The tenement house was most likely built in the 15th century and subsequently redesigned somewhere around the year 1540, when it remained in the hands of the Lubomelski family. The building was most likely lost to the blaze during the great fire of Lublin (1575), although it was rebuilt shortly afterwards. The tenement house was considered to form a single whole with another tenement house at 3 Grodzka street, serving as the “front building” while the other one was referred to as the “back building”. While in the hands of Erazm Lubomelski, the tenement house received painted interior decorations during the 1570s. In the 17th century, the building’s owners were, among others, Piotr Kliszewski (a medical doctor) and Katarzyna Zaborowicz née Lubomelska, while in the 18th century it was owned by the Makarewicz family. In 1782, the tenement house was redesigned in the Classicist style. King Stanisław August himself is known to have stopped by here at one point. While in the hands of the Brenger family, the proceeds from the rental of the premises were donated to young Jewish girls to use as dowry. In years 1937-1939, the Monument Protection Commission led by Professor Józef Dutkiewicz conducted the restoration of the painted decorations. However, the project was never completed due to the onset of World War II. In the years 1967-1968, the building underwent a full-scale restoration.
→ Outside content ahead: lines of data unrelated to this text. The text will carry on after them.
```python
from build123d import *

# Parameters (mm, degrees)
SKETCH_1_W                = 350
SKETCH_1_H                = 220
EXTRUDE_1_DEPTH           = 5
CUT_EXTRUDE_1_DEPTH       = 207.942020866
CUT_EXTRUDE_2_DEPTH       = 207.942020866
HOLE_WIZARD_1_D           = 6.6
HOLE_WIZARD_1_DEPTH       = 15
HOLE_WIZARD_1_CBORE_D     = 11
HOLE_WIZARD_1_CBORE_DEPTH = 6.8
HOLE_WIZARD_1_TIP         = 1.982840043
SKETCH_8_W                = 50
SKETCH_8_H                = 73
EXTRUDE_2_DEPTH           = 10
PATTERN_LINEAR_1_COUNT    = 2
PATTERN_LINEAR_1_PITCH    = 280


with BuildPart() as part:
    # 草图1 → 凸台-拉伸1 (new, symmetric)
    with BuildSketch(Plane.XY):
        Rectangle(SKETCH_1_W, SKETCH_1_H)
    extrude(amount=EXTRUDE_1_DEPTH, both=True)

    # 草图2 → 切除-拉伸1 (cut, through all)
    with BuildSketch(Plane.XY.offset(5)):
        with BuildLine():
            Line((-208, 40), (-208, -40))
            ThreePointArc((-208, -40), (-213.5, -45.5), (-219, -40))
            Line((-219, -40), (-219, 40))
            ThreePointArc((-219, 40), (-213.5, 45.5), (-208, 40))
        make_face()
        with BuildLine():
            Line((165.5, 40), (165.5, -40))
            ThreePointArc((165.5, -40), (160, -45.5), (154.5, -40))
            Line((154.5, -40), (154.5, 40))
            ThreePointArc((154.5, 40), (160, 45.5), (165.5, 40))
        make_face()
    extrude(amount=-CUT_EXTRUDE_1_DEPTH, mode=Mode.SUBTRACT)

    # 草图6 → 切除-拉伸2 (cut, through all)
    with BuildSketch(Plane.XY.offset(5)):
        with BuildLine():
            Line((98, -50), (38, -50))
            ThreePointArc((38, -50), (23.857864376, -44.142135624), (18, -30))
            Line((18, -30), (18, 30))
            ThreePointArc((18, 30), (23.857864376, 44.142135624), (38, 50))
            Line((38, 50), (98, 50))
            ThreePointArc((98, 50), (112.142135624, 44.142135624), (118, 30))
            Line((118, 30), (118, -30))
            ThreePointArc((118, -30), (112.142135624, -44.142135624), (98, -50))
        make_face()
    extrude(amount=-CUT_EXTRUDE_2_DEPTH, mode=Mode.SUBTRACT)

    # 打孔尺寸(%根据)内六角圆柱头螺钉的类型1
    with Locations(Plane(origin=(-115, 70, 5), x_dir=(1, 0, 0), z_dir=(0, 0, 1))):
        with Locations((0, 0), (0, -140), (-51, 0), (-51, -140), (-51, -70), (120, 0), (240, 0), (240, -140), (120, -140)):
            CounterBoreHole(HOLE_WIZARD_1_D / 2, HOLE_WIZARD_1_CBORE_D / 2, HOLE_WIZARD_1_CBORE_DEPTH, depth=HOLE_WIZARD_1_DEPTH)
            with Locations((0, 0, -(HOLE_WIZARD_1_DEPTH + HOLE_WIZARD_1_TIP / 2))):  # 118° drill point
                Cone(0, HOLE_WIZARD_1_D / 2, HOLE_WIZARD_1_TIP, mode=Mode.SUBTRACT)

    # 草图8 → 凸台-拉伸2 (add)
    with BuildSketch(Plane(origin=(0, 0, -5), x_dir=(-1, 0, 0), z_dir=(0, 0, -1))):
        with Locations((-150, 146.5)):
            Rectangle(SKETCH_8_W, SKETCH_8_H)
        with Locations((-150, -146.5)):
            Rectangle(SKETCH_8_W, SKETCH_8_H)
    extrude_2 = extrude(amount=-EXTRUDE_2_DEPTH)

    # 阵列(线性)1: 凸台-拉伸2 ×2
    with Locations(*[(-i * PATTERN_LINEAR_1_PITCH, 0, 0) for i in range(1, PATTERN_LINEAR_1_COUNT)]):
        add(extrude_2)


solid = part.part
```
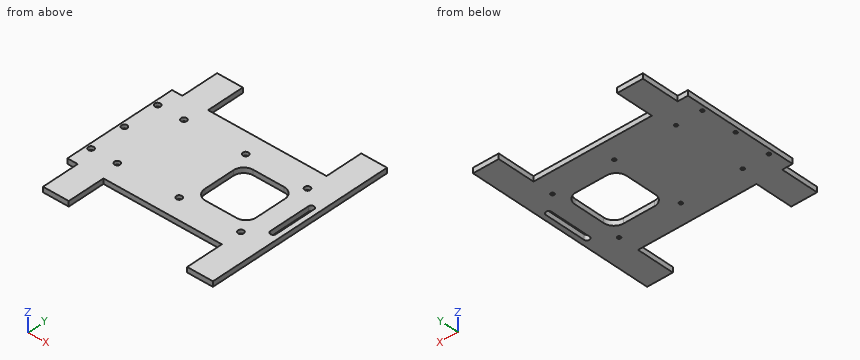
Check sheet for the modelled part. Datum: model origin and axes. Units: mm. Round coordinates to 2 decimals unless told otherwise and drop trailing zeros. Loops run counter-clockwise (first coordinate to the right, second up) from the corner with the lowest first, then second, coordinate; pieces in that order, holes last. Notation, with made-up numbers: (-27.75, 39) - (19.25, 39) arc R21 ccw to (19.25, 59) - close; hole circle Ø8 at (25, 48.25). An arc over 180 degrees is marked (long way). Answer as a JSON object with one key per item and string values. Group by question number.
Q1. Sectioned sample at C-C, the plane z = -3.5. Count the separate pieces of the cut face and the enclosed holes in it, plus the area to 3 significant figures.
Q2. Sectioned sample at D-D, the plane x = -77. Enter the section's corners in (y, z).
Q3. Gauge pin test, flat ends, axial feed: P1, Ø3.5, axis at x = -116.5, y = -71, coming from the +Z side; P2, Ø4, axis at x = -5, z = 2.5, coming from the +Y side; P3, Ø5, axis at x = 62, z = -2, coming from the -Y side. Record the tip position at first contact, or that the pin passes through.
Q4. Sectioned sample at B-B, the plane x = 43.5. Enter the section's corners in (y, z).
Q5. Scan lines: line 1 along Y through (x, z) = (-115, 3.5); line 2 along X through (y, z) = (-125.5, 3); line 3 along Y through (x, z) = (69, 0). Record each from-to range of solid material in increasing order. Write a range as [from, to].
Q6. Sectioned sample at A-A, the plane y = 142. Enter the section's corners in (x, z).
Solution:
{
 "1": {"separate pieces": "1", "enclosed holes": "11", "area": "80,700 mm²"},
 "2": {"outline": "(-110, -5) - (110, -5) - (110, 5) - (-110, 5) - close"},
 "3": {"P1": "stops at z = -1.8", "P2": "stops at y = 110", "P3": "stops at y = -110"},
 "4": {"outline": "(-110, -5) - (-50, -5) - (-50, 5) - (-110, 5) - close; (50, -5) - (110, -5) - (110, 5) - (50, 5) - close"},
 "5": {"line 1": "y = [-183, -75.5], [-64.5, 64.5], [75.5, 183]", "line 2": "x = [-155, -105], [125, 175]", "line 3": "y = [-110, -50], [50, 110]"},
 "6": {"outline": "(-155, -5) - (-105, -5) - (-105, 5) - (-155, 5) - close; (125, -5) - (175, -5) - (175, 5) - (125, 5) - close"}
}

Its current form and architectural décor is the result of numerous alterations. The 16th-century wall paintings in the wine cellar and the former Gothic vestibule, the Renaissance ceiling on the first floor as well as the lavish stonework decorations are the most valuable parts of its décor today.

In the course of renovation works conducted in 1996, unique 16th-century wall paintings have been found beneath the vault haunch backfill above the ground floor level in the former vestibule, depicting a battle scene most likely set against the background of medieval Lublin as well as the adoration of the Virgin Mary with Child Jesus. The wall paintings were later restored on site at the initiative of the Lublin Commune authorities in years 1998-1999, under the direction of Małgorzata Podgórska-Makal. Today, these paintings constitute the most important part of the “Fortuna Cellar” - a modern exhibition dedicated to the history of Lublin. In 2001, the building received the Conservation Laurel Award.

Description

The tenement house is a part of a tight cluster of buildings which form the northern frontage of the Market Square.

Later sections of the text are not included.